Die traditionelle Vollkostenrechnung verrechnet sämtliche Kosten der Kostenartenrechnung auf Produkte als Kostenträger. Während Produkteinzelkosten aus der Kostenartenrechnung unmittelbar in die Kostenträgerrechnung übernommen und den Produkten direkt zugerechnet werden können, müssen Produktgemeinkosten über eine Kostenstellenrechnung mit Hilfe verschiedener Schlüsselungen anteilig auf Kostenträger verteilt werden: (a) bei der Verteilung von Gemeinkosten auf die jeweilige Bezugsgröße, d.h. bei der Verteilung von Kostenstellengemeinkosten auf einzelne Kostenstellen – sowohl bei der Primärkostenrechnung als auch bei der Sekundärkostenrechnung (innerbetriebliche Leistungsverrechnung) – und (b) bei der Verteilung der Endkosten der Kostenstellenrechnung als Produktgemeinkosten auf die Produktarten und -mengen. Die anteilige Verteilung erfolgt über Mengen- und Wertgrößen: (a) in der Kostenstellenrechnung z.B. Raumflächen und innerbetriebliche Leistungsmengen oder (b) in der Kostenträgerrechnung z.B. Produkteinzelkosten und -herstellkosten (Zuschlagskalkulation), Fertigungszeiten (Zeitkostenrechnung) oder Produktmengen (Divisionskalkulation) mit verschiedenen Modifizierungen.
Die Schwächen der Zuschlagskalkulation lassen sich teilweise mit der Prozesskostenrechnung vermeiden. Produktgemeinkosten werden über Aktivitäten und Teilprozesse Kostenstellen übergreifenden Hauptprozessen zugeordnet; diese Prozesskosten werden den Produkten in der Kostenträgerrechnung über deren Prozessinanspruchnahme zugerechnet.
Vollkostenrechnungssysteme verstoßen grundsätzlich gegen das Zurechnungs- und Verursachungsprinzip, wenn Gemeinkosten nach dem Durchschnitts- oder Tragfähigkeitsprinzip anteilig verrechnet und dabei Fixkosten proportionalisiert werden.

b) Teilkostenrechnung


Systeme der Teilkostenrechnung verrechnen auf die Produkte (a) in einer Einzelkostenrechnung nach dem Zurechnungsprinzip nur die Produkteinzelkosten – ohne die Produktgemeinkosten – oder (b) in einer Grenzkostenrechnung nach dem Verursachungsprinzip nur die variablen Kosten. In der Betriebserfolgsrechnung nach dem Umsatzkostenverfahren werden über die Produktabsatzmengen die Stückdeckungsbeiträge als Saldo zwischen Absatzpreis und Produkteinzelkosten bzw. variablen Kosten aggregiert zum Gesamtdeckungsbeitrag; nach Abzug der Gemeinkosten bzw. der Fixkosten ergibt sich der Betriebserfolg.
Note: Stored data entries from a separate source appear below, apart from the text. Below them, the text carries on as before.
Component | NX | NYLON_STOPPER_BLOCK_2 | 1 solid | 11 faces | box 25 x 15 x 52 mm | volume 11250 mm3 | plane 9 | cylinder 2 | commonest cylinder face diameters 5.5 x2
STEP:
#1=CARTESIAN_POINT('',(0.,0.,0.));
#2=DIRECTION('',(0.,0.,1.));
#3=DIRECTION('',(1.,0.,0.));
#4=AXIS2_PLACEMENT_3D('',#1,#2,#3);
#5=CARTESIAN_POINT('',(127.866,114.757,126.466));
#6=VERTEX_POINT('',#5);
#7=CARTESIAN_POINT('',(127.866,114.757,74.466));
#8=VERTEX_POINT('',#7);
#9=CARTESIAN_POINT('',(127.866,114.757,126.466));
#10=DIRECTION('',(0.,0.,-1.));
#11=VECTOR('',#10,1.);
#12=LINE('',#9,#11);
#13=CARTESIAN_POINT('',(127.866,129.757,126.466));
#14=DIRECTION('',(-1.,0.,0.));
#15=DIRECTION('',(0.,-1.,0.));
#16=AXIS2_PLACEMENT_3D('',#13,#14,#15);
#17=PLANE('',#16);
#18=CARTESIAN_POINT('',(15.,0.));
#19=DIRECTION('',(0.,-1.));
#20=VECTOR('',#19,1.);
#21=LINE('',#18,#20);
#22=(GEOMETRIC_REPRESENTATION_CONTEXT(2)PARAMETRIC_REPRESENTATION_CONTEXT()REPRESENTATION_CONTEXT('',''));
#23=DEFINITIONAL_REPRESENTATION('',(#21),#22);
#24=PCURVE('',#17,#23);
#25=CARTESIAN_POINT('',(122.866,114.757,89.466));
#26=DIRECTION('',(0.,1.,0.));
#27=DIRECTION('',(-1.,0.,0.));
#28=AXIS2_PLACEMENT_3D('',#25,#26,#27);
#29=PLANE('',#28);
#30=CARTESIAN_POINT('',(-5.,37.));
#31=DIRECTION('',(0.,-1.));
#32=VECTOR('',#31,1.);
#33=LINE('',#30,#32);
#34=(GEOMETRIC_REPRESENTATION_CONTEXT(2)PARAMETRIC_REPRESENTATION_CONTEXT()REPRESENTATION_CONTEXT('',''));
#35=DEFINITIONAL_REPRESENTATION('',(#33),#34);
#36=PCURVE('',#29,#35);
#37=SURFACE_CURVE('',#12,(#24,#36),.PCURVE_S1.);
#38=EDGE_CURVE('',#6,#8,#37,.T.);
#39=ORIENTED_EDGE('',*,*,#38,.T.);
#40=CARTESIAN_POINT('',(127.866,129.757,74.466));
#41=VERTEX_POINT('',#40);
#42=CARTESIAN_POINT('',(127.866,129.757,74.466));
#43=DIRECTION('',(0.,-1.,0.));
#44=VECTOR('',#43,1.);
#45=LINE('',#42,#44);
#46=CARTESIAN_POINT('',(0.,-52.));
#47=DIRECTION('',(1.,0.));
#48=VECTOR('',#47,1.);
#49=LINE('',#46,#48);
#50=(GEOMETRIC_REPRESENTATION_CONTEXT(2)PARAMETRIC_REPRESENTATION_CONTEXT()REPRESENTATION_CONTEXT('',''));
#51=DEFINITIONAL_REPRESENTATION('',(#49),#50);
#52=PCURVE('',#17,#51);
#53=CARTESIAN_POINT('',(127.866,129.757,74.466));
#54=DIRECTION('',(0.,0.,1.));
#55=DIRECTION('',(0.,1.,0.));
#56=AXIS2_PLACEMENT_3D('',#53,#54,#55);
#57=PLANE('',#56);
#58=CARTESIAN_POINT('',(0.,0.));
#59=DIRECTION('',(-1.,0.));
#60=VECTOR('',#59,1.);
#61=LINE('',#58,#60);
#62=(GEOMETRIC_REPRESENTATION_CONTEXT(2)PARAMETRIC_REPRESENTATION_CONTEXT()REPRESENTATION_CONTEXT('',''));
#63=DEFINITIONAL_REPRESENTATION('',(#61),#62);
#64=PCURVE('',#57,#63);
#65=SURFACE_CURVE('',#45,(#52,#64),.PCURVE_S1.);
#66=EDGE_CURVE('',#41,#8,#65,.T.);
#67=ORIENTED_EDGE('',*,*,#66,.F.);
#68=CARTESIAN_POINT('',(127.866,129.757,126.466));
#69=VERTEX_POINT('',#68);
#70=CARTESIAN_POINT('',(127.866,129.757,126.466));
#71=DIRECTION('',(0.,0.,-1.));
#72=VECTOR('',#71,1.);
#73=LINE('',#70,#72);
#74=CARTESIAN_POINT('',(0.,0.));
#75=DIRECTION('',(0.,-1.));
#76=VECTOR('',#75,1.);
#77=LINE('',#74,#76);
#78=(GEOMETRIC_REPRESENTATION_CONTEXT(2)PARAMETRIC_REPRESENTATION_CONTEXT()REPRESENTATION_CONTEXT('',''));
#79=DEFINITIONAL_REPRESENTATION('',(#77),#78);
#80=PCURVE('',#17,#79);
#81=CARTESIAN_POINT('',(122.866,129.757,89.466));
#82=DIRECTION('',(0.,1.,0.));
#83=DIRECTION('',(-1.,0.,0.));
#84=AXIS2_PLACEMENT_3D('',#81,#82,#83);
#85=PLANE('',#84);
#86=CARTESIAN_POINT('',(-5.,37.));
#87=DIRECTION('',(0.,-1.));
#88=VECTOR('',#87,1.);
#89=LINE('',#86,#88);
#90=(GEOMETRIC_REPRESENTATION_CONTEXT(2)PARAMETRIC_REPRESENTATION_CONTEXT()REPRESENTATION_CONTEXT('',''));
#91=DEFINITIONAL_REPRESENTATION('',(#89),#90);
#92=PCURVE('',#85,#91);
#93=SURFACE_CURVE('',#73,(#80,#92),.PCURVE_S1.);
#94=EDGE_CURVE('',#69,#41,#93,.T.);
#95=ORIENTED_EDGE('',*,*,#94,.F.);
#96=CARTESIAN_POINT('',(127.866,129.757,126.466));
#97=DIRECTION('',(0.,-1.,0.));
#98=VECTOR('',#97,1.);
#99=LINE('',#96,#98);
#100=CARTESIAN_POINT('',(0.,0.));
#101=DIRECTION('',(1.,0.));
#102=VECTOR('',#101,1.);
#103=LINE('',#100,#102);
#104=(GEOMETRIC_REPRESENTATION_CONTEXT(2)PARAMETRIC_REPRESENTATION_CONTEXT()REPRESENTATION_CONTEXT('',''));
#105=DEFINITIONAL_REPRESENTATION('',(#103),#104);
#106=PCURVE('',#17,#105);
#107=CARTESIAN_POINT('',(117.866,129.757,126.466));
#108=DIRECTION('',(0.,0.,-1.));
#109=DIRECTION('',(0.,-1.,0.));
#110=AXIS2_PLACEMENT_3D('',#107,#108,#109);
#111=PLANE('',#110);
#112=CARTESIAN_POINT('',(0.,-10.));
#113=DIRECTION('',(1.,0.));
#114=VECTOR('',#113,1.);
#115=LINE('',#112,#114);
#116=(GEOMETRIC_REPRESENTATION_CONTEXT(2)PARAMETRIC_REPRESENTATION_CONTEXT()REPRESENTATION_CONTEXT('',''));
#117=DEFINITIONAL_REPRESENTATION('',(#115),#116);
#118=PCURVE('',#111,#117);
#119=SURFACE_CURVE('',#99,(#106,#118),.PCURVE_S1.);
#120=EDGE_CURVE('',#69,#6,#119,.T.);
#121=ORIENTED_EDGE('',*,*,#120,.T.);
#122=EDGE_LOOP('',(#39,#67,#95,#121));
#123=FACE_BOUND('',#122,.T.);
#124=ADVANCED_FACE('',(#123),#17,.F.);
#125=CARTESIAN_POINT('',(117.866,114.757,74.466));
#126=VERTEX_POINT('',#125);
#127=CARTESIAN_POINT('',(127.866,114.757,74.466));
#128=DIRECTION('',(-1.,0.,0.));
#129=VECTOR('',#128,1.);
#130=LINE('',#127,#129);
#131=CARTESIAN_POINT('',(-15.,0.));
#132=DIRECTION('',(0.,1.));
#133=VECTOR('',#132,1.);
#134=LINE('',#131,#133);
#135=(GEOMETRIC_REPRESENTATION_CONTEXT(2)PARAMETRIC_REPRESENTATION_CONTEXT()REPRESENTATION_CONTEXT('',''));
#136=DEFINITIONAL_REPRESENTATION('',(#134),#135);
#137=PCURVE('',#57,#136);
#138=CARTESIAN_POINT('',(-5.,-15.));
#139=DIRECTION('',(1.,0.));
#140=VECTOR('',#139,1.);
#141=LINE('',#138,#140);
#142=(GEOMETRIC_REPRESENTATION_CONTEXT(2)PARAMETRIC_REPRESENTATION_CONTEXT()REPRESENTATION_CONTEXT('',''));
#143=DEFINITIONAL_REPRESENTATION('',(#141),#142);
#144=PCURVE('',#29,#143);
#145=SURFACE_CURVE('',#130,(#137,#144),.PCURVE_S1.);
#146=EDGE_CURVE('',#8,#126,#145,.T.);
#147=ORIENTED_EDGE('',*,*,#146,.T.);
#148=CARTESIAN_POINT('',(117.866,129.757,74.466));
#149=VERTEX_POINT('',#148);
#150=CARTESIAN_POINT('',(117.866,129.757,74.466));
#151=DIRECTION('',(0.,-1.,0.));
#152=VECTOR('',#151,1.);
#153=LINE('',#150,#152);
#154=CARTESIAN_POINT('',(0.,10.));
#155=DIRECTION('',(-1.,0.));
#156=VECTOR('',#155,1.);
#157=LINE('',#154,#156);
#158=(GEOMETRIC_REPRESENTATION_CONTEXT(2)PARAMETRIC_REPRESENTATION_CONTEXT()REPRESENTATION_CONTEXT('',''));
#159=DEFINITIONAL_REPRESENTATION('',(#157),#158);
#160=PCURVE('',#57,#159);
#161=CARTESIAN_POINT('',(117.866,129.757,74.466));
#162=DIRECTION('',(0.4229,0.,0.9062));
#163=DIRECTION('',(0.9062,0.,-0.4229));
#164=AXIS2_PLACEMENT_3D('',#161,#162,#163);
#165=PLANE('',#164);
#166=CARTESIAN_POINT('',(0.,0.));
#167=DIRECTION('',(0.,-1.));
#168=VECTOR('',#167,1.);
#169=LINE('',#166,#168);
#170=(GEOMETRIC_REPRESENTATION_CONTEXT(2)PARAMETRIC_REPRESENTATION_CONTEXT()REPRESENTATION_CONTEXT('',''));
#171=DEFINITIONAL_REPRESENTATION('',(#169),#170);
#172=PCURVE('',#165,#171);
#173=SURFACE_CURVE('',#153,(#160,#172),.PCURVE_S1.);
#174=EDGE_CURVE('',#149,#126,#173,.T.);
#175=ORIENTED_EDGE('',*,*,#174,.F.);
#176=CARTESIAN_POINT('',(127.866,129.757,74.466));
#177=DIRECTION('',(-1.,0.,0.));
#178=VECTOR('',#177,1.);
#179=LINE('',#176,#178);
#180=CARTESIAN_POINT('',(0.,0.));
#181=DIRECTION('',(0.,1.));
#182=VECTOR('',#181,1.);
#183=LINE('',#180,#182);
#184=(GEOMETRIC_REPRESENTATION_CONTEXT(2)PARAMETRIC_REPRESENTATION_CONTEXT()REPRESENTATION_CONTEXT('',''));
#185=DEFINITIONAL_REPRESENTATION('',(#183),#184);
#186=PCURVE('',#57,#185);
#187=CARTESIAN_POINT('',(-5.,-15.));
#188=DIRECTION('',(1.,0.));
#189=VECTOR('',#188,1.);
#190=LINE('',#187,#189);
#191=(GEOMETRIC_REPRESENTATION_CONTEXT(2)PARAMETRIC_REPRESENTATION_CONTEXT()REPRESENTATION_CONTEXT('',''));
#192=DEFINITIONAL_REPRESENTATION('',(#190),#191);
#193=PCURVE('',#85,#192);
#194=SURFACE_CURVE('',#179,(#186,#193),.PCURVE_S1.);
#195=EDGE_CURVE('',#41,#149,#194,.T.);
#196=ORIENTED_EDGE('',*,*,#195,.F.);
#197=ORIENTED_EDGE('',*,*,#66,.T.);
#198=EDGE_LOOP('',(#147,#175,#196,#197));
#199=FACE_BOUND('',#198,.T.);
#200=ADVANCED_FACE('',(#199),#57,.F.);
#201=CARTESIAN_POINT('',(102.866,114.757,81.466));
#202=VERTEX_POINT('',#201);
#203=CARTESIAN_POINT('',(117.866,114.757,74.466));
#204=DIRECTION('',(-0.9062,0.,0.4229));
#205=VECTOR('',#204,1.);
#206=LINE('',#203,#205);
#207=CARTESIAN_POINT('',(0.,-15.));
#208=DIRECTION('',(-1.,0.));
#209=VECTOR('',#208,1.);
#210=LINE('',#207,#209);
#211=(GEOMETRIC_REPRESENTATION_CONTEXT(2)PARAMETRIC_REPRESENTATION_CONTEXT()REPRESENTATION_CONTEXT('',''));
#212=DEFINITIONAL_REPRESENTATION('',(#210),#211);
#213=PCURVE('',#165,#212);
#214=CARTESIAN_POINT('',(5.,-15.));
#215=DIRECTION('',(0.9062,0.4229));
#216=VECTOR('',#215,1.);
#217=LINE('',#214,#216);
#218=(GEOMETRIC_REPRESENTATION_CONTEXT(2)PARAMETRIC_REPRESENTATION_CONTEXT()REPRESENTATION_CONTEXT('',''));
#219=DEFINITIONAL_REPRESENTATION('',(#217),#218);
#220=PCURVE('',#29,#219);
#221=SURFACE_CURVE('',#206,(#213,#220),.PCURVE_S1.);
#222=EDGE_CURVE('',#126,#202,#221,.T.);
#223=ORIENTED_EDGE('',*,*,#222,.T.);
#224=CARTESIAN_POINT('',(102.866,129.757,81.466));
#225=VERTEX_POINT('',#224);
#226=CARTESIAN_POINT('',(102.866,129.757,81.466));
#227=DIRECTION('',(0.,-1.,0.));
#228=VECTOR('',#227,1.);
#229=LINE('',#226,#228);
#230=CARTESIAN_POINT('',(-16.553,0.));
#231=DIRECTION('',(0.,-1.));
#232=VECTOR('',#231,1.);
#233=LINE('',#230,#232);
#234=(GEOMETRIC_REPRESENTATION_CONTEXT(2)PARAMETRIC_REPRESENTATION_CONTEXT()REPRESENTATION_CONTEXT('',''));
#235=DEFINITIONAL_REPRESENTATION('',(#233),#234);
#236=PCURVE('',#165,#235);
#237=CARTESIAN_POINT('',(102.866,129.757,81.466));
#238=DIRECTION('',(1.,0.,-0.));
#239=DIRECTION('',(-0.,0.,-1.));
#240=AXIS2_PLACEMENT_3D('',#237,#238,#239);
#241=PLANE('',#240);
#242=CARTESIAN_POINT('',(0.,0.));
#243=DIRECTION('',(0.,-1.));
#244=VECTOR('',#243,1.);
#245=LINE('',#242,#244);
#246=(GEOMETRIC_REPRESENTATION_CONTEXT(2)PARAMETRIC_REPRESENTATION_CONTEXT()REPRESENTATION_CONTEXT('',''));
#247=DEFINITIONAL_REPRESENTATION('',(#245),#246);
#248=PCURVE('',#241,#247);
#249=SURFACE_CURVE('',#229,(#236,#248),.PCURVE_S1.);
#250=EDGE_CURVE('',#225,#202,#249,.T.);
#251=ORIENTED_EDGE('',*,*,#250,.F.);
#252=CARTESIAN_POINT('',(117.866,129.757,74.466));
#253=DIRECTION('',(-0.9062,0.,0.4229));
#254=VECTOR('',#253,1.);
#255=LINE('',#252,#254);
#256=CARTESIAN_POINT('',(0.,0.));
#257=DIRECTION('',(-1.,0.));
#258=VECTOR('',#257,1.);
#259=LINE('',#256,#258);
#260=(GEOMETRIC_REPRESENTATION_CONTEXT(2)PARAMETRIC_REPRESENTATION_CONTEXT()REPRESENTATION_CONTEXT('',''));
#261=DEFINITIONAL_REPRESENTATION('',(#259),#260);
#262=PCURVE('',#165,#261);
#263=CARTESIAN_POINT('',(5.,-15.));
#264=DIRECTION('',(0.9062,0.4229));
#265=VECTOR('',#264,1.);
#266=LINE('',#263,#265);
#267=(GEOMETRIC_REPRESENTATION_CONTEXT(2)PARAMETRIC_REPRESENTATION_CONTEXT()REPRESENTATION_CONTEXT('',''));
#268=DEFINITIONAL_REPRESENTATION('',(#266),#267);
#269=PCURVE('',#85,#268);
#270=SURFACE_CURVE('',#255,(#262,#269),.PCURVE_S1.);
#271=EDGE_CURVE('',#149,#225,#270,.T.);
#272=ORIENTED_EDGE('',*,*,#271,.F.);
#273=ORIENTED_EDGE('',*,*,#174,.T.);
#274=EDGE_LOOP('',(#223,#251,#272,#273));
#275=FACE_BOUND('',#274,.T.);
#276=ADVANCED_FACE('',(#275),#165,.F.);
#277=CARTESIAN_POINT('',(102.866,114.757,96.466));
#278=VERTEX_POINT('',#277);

Eine solche einstufige Deckungsbeitragsrechnung wird zu einer mehrstufigen Deckungsbeitragsrechnung erweitert. Hier werden von einem zuvor ermittelten produktspezifischen Deckungsbeitrag I sukzessiv verschiedenen Bezugsgrößen wie Produktart, Produktgruppe, Kostenstelle, Geschäftsbereich und schließlich dem Gesamtunternehmen zugerechnete (a) Einzelkosten (als Produktgemeinkosten) oder (b) Fixkosten (mehrstufige Fixkostendeckungsrechnung) abgezogen, um Deckungsbeiträge II, III usw. als Deckungsbeiträge höherer Ordnung mit Bezug zu den verschiedenen Bezugsgrößen zu ermitteln. In einer mehrdimensionalen Absatzsegmentrechnung sind Aggregationen von Deckungsbeiträgen mit sukzessivem Abzug von Einzelkosten oder Fixkosten auch über Absatzgebiets- oder Kundensegmente möglich.
Entscheidungen auf Basis relevanter Kosten und Deckungsbeiträge bei unterschiedlichem Zeithorizont entsprechend der Disponibilität der stufenweise zugerechneten Kosten betreffen Produktpreise und -programme, Kunden und Absatzwege, aber auch innerbetrieblich relevante Fragestellungen der Kapazitätsgestaltung und Verfahrenswahl.
Teilkostenrechnungssysteme erfordern eine unterschiedliche Gestaltung der Kostenstellenrechnung. Im Rahmen einer Relativen Einzelkostenrechnung (vgl. Riebel, P.  1994, S. 520 f.) dürfen den Kostenstellen nur Stelleneinzelkosten zugeordnet werden – sowohl in der Primärkostenbelastung als auch bei der Sekundärkostenverrechnung (innerbetriebliche Leistungsverrechnung). In der mehrstufigen Fixkostendeckungsrechnung werden die Fixkosten den Kostenstellen als Stelleneinzel- und anteilige Stellengemeinkosten zugeordnet und hier entsprechend ihrer Abhängigkeit von Beschäftigungsveränderungen dieser Kostenstellen als variable oder fixe Kosten ausgewiesen; mit der innerbetrieblichen Leistungsverrechnung werden nur variable Kosten verrechnet und den zu belastenden Kostenstellen als variable oder fixe Kosten zugewiesen. Variable Gemeinkosten werden aus der Kostenstellenrechnung in die Kostenträgerrechnung für die Kalkulation übernommen.
Bei Strukturierung der Kostenstellen sind die Bezugsgrößen der mehrstufigen Deckungsbeitragsrechnung zu beachten: Kostenstellen sind nach Produktart, Produktgruppe, Geschäftsbereich oder Absatzgebiet und Kundensegment oder schließlich Gesamtunternehmen zu strukturieren.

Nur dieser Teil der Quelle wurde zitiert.